How can you treat drug addition in therapy?

“When doing therapy with a drug-addicted patient, must I know what neurobiological changes have occurred in the brain as a result of addiction?  Can therapy undo permanent brain damage, that would otherwise forever cripple the patient when it comes to the urge for alcohol?” Thanks to Rikke for these interesting questions.

Ordinarily, we don’t do exploratory therapy with any drug-addicted person until he has been in recovery for at least a few months. Why? For many drug addicts, drugs are a defense against experiencing feelings and anxiety. If you explore feelings and anxiety beyond the patient’s capacity to bear them, his defenses against feeling will fail and he will resort to drugs to numb out his feelings because his defenses no longer do the job.

Thus, for many drug-addicts it’s best to begin with supportive therapy using motivational interviewing techniques and the research of the process of change group. Your supportive therapy with an active user will help him begin to see that his drug use is a problem and motivate him over time to reduce his usage of alcohol or drugs. Goals here are complicated.

In the U.S. abstinence is considered the only real practical goal for alcoholics. However, in the U.K a considerable amount of research into harm reduction has found that many alcoholics can be helped to reduce their use of alcohol to levels that are no longer harmful. Given these various positions in the field, I suspect that some patients may benefit from a harm reduction strategy, and that others may need to be abstinent in order to maintain their recovery.

Once the patient is in rehabilitation, a more exploratory therapy can be very helpful for many drug-addicted patients. In my DVDs of the fragile patient and the patient who uses projection, you see how to work with the regressive defenses that often come up with drug-addicted patients.

However, having said that, don’t forget that drug-addicted patients can be anywhere on the spectrum of psychoneurosis. Some are psychotic, some have a borderline level of character pathology, and some have neurotic conflicts. Thus, you need to assess each patient on an individual basis so that you know how to regulate the patient’s anxiety, and which defenses you will need to restructure. I always begin with the graded format with drug-addicted patients because I want to assess the patient’s anxiety and affect tolerance and self-observing capacities first. Then I work to gradually increase the patient’s capacities. If you get too high a rise of feeling, anxiety, or regressive defense, the patient will be at risk of relapse. Thus, ask about feelings, build the capacity for anxiety regulation, and help the patient see and let go of regressive defenses. Go slow.

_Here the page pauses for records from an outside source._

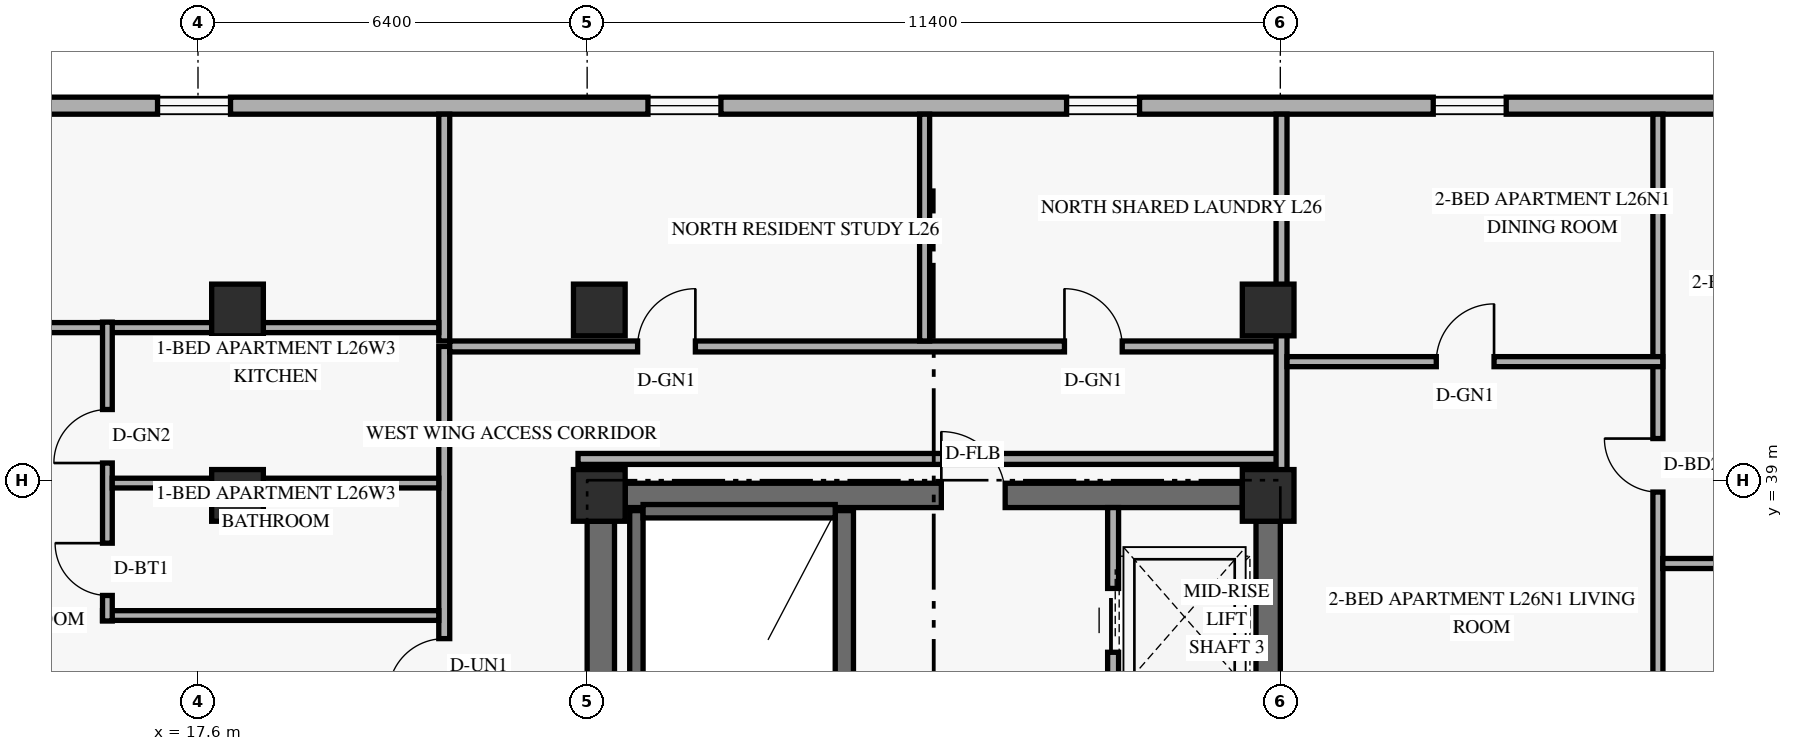
"""IFC4 building model, lengths in metres.
Left out: names, types, materials, properties, quantities, classifications, styles, units other than length and angle.
Written with IfcOpenShell. Run it as: python <this file> out.ifc"""

import sys

from ifc_helpers import new_model, si_unit, direction, frame, frame_2d, origin, origin_2d, place, context, subcontext, project, spatial, rectangle, extrude, element, fill, save


model = new_model("IFC4")
c1 = context("Model", 3, precision=1e-05, world=origin(), true_north=direction((0.0, 1.0)))
c2 = subcontext(c1, "Body", "Model", "MODEL_VIEW")
j1 = project(units=[si_unit("LENGTHUNIT", "METRE"), si_unit("PLANEANGLEUNIT", "RADIAN")], contexts=[c1])
p1 = place(None, origin())
s1 = spatial("IfcSite", under=j1, at=p1, CompositionType="ELEMENT")
p2 = place(p1, origin())
s2 = spatial("IfcBuilding", under=s1, at=p2, CompositionType="ELEMENT")
p3 = place(p2, frame((0.0, 0.0, 102.6)))
s3 = spatial("IfcBuildingStorey", under=s2, at=p3, CompositionType="ELEMENT", Elevation=102.6)
p4 = place(p3, frame((24.225, 30.625, 0.0), z_axis=(0.0, 0.0, 1.0), x_axis=(0.0, 1.0, 0.0)))
e1 = element("IfcWall", 1, at=p4, inside=s3, PredefinedType="SHEAR", context=c2, shape_type="SweptSolid", body=[
    extrude(rectangle(XDim=7.7, YDim=0.45, at=frame_2d((3.85, 0.0))), origin(), (0.0, 0.0, 1.0), 2.749),
])
p5 = place(p3, frame((35.2, 31.35, 0.0), z_axis=(0.0, 0.0, 1.0), x_axis=(0.0, 1.0, 0.0)))
e2 = element("IfcWall", 2, at=p5, inside=s3, PredefinedType="SHEAR", context=c2, shape_type="SweptSolid", body=[
    extrude(rectangle(XDim=6.975, YDim=0.4, at=frame_2d((3.487, 0.0))), origin(), (0.0, 0.0, 1.0), 2.749),
])
p6 = place(p3, frame((24.625, 38.75, 0.0), z_axis=(0.0, 0.0, 1.0), x_axis=(1.0, 0.0, 0.0)))
e3 = element("IfcWall", 3, at=p6, inside=s3, PredefinedType="SHEAR", context=c2, shape_type="SweptSolid", body=[
    extrude(rectangle(XDim=10.15, YDim=0.4, at=frame_2d((5.075, 0.0))), origin(), (0.0, 0.0, 1.0), 3.36),
])
p7 = place(p6, frame((5.2, 0.0, 0.0)))
e4 = element("IfcOpeningElement", 4, at=p7, cuts=e3, PredefinedType="OPENING", context=c2, shape_type="SweptSolid", body=[
    extrude(rectangle(XDim=1.05, YDim=2.15, at=frame_2d((0.525, 1.075))), frame((0.0, 0.21, 0.0), z_axis=(0.0, -1.0, 0.0), x_axis=(1.0, 0.0, 0.0)), (0.0, 0.0, 1.0), 0.42),
])
p8 = place(p3, frame((24.81, 30.74, 0.0), z_axis=(0.0, 0.0, 1.0), x_axis=(0.0, 1.0, 0.0)))
e5 = element("IfcWall", 5, at=p8, inside=s3, PredefinedType="SHEAR", context=c2, shape_type="SweptSolid", body=[
    extrude(rectangle(XDim=7.76, YDim=0.22, at=frame_2d((3.88, 0.0))), origin(), (0.0, 0.0, 1.0), 3.36),
])
p9 = place(p3, frame((28.23, 30.74, 0.0), z_axis=(0.0, 0.0, 1.0), x_axis=(0.0, 1.0, 0.0)))
e6 = element("IfcWall", 6, at=p9, inside=s3, PredefinedType="SHEAR", context=c2, shape_type="SweptSolid", body=[
    extrude(rectangle(XDim=7.76, YDim=0.3, at=frame_2d((3.88, 0.0))), origin(), (0.0, 0.0, 1.0), 3.36),
])
p10 = place(p3, frame((24.92, 38.49, 0.0), z_axis=(0.0, 0.0, 1.0), x_axis=(1.0, 0.0, 0.0)))
e7 = element("IfcWall", 7, at=p10, inside=s3, PredefinedType="SHEAR", context=c2, shape_type="SweptSolid", body=[
    extrude(rectangle(XDim=3.16, YDim=0.22, at=frame_2d((1.58, 0.0))), origin(), (0.0, 0.0, 1.0), 3.36),
])
for number, where, z_axis, x_axis in (
    (8, (18.25, 38.75, 0.0), (0.0, 0.0, 1.0), (1.0, 0.0, 0.0)),
    (9, (18.25, 41.8, 0.0), (0.0, 0.0, 1.0), (1.0, 0.0, 0.0)),
    (10, (24.2, 38.75, 0.0), (0.0, 0.0, 1.0), (1.0, 0.0, 0.0)),
    (11, (24.2, 41.8, 0.0), (0.0, 0.0, 1.0), (1.0, 0.0, 0.0)),
    (12, (35.2, 38.75, 0.0), (0.0, 0.0, 1.0), (1.0, 0.0, 0.0)),
    (13, (35.2, 41.8, 0.0), (0.0, 0.0, 1.0), (1.0, 0.0, 0.0)),
):
    element("IfcColumn", number, at=place(p3, frame(where, z_axis=z_axis, x_axis=x_axis)), inside=s3, PredefinedType="COLUMN", context=c2, shape_type="SweptSolid", body=[
        extrude(rectangle(XDim=0.85, YDim=0.85, at=origin_2d()), origin(), (0.0, 0.0, 1.0), 3.6),
    ])
p11 = place(p3, frame((49.98, 45.16, 0.0), z_axis=(0.0, 0.0, 1.0), x_axis=(-1.0, 0.0, 0.0)))
e14 = element("IfcWall", 14, at=p11, inside=s3, PredefinedType="SOLIDWALL", context=c2, shape_type="SweptSolid", body=[
    extrude(rectangle(XDim=36.56, YDim=0.28, at=frame_2d((18.28, 0.0))), origin(), (0.0, 0.0, 1.0), 3.36),
])
p12 = place(p11, frame((31.845, 0.0, 0.85)))
e15 = element("IfcOpeningElement", 15, at=p12, cuts=e14, PredefinedType="OPENING", context=c2, shape_type="SweptSolid", body=[
    extrude(rectangle(XDim=1.2, YDim=1.5, at=frame_2d((0.6, 0.75))), frame((0.0, 0.15, 0.0), z_axis=(0.0, -1.0, 0.0), x_axis=(1.0, 0.0, 0.0)), (0.0, 0.0, 1.0), 0.3),
])
p13 = place(p11, frame((23.78, 0.0, 0.85)))
e16 = element("IfcOpeningElement", 16, at=p13, cuts=e14, PredefinedType="OPENING", context=c2, shape_type="SweptSolid", body=[
    extrude(rectangle(XDim=1.2, YDim=1.5, at=frame_2d((0.6, 0.75))), frame((0.0, 0.15, 0.0), z_axis=(0.0, -1.0, 0.0), x_axis=(1.0, 0.0, 0.0)), (0.0, 0.0, 1.0), 0.3),
])
p14 = place(p11, frame((16.895, 0.0, 0.85)))
e17 = element("IfcOpeningElement", 17, at=p14, cuts=e14, PredefinedType="OPENING", context=c2, shape_type="SweptSolid", body=[
    extrude(rectangle(XDim=1.2, YDim=1.5, at=frame_2d((0.6, 0.75))), frame((0.0, 0.15, 0.0), z_axis=(0.0, -1.0, 0.0), x_axis=(1.0, 0.0, 0.0)), (0.0, 0.0, 1.0), 0.3),
])
p15 = place(p11, frame((10.865, 0.0, 0.85)))
e18 = element("IfcOpeningElement", 18, at=p15, cuts=e14, PredefinedType="OPENING", context=c2, shape_type="SweptSolid", body=[
    extrude(rectangle(XDim=1.2, YDim=1.5, at=frame_2d((0.6, 0.75))), frame((0.0, 0.15, 0.0), z_axis=(0.0, -1.0, 0.0), x_axis=(1.0, 0.0, 0.0)), (0.0, 0.0, 1.0), 0.3),
])
p16 = place(p11, frame((5.275, 0.0, 0.85)))
e19 = element("IfcOpeningElement", 19, at=p16, cuts=e14, PredefinedType="OPENING", context=c2, shape_type="SweptSolid", body=[
    extrude(rectangle(XDim=1.2, YDim=1.5, at=frame_2d((0.6, 0.75))), frame((0.0, 0.15, 0.0), z_axis=(0.0, -1.0, 0.0), x_axis=(1.0, 0.0, 0.0)), (0.0, 0.0, 1.0), 0.3),
])
p17 = place(p11, frame((1.09, 0.0, 0.85)))
e20 = element("IfcOpeningElement", 20, at=p17, cuts=e14, PredefinedType="OPENING", context=c2, shape_type="SweptSolid", body=[
    extrude(rectangle(XDim=1.2, YDim=1.5, at=frame_2d((0.6, 0.75))), frame((0.0, 0.15, 0.0), z_axis=(0.0, -1.0, 0.0), x_axis=(1.0, 0.0, 0.0)), (0.0, 0.0, 1.0), 0.3),
])
p18 = place(p3, frame((32.65, 31.35, 0.0), z_axis=(0.0, 0.0, 1.0), x_axis=(0.0, 1.0, 0.0)))
e21 = element("IfcWall", 21, at=p18, inside=s3, PredefinedType="STANDARD", context=c2, shape_type="SweptSolid", body=[
    extrude(rectangle(XDim=7.2, YDim=0.18, at=frame_2d((3.6, 0.0))), origin(), (0.0, 0.0, 1.0), 3.36),
])
p19 = place(p18, frame((0.52, 0.0, 0.0)))
e22 = element("IfcOpeningElement", 22, at=p19, cuts=e21, PredefinedType="OPENING", context=c2, shape_type="SweptSolid", body=[
    extrude(rectangle(XDim=1.05, YDim=2.2, at=frame_2d((0.525, 1.1))), frame((0.0, 0.1, 0.0), z_axis=(0.0, -1.0, 0.0), x_axis=(1.0, 0.0, 0.0)), (0.0, 0.0, 1.0), 0.2),
])
p20 = place(p18, frame((2.67, 0.0, 0.0)))
e23 = element("IfcOpeningElement", 23, at=p20, cuts=e21, PredefinedType="OPENING", context=c2, shape_type="SweptSolid", body=[
    extrude(rectangle(XDim=1.05, YDim=2.2, at=frame_2d((0.525, 1.1))), frame((0.0, 0.1, 0.0), z_axis=(0.0, -1.0, 0.0), x_axis=(1.0, 0.0, 0.0)), (0.0, 0.0, 1.0), 0.2),
])
p21 = place(p18, frame((4.82, 0.0, 0.0)))
e24 = element("IfcOpeningElement", 24, at=p21, cuts=e21, PredefinedType="OPENING", context=c2, shape_type="SweptSolid", body=[
    extrude(rectangle(XDim=1.05, YDim=2.2, at=frame_2d((0.525, 1.1))), frame((0.0, 0.1, 0.0), z_axis=(0.0, -1.0, 0.0), x_axis=(1.0, 0.0, 0.0)), (0.0, 0.0, 1.0), 0.2),
])
p22 = place(p3, frame((21.65, 6.8, 0.0), z_axis=(0.0, 0.0, 1.0), x_axis=(0.0, 1.0, 0.0)))
e25 = element("IfcWall", 25, at=p22, inside=s3, PredefinedType="STANDARD", context=c2, shape_type="SweptSolid", body=[
    extrude(rectangle(XDim=34.4, YDim=0.18, at=frame_2d((17.2, 0.0))), origin(), (0.0, 0.0, 1.0), 2.731),
])
p23 = place(p22, frame((3.592, 0.0, 0.0)))
e26 = element("IfcOpeningElement", 26, at=p23, cuts=e25, PredefinedType="OPENING", context=c2, shape_type="SweptSolid", body=[
    extrude(rectangle(XDim=0.92, YDim=2.15, at=frame_2d((0.46, 1.075))), frame((0.0, 0.1, 0.0), z_axis=(0.0, -1.0, 0.0), x_axis=(1.0, 0.0, 0.0)), (0.0, 0.0, 1.0), 0.2),
])
p24 = place(p22, frame((14.019, 0.0, 0.0)))
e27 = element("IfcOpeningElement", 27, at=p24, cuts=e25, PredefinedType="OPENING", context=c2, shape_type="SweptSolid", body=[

In the average clinic, we do not have access to good instruments to assess the degree and type of brain damage patients have from drug use. Many patients begin to function better over time as their bodies detox during a period of abstinence. However, we can assess where the patient’s anxiety is discharged. We can also assess the patient’s ability to see his defenses and their price. At this stage of assessment, we may find that the patient’s ability to regulate anxiety is so poor, that his cognition is impaired. On the other hand, we may find a patient whose anxiety is well regulated and his cognition is impaired. In that case, we have probably some brain damage. In that case, proceed very slowly and make sure the patient always understands what you say.

Certainly, with good anxiety regulation, and building of other capacities, we see improvements of neuroplasticity of the brain. With patients who suffer brain damage, their progress will be slower and may be quite limited. However, I have found that some brain-damaged patients benefit from an additional treatment to psychotherapy known as Low Energy Neurofeedback System, or LENS. Many patients who receive this neurofeedback treatment or others report a great drop in anxiety physically which results in a drop in the need for substances to regulate their bodily discomfort and, as a result, they become far less impulsive. The research on this method is fairly limited, however, I have found it very useful for anyone suffering from brain damage to consider this option as an adjunct to psychotherapy.

Take home point: do supportive therapy with active drug users. Once the patient is abstinent, you can use the graded format to gradually build the patient’s affect tolerance, anxiety regulation, and restructure regressive defenses. Always avoid excessive rises of feeling, anxiety, and regressive defenses to avoid precipitating a relapse in the patient.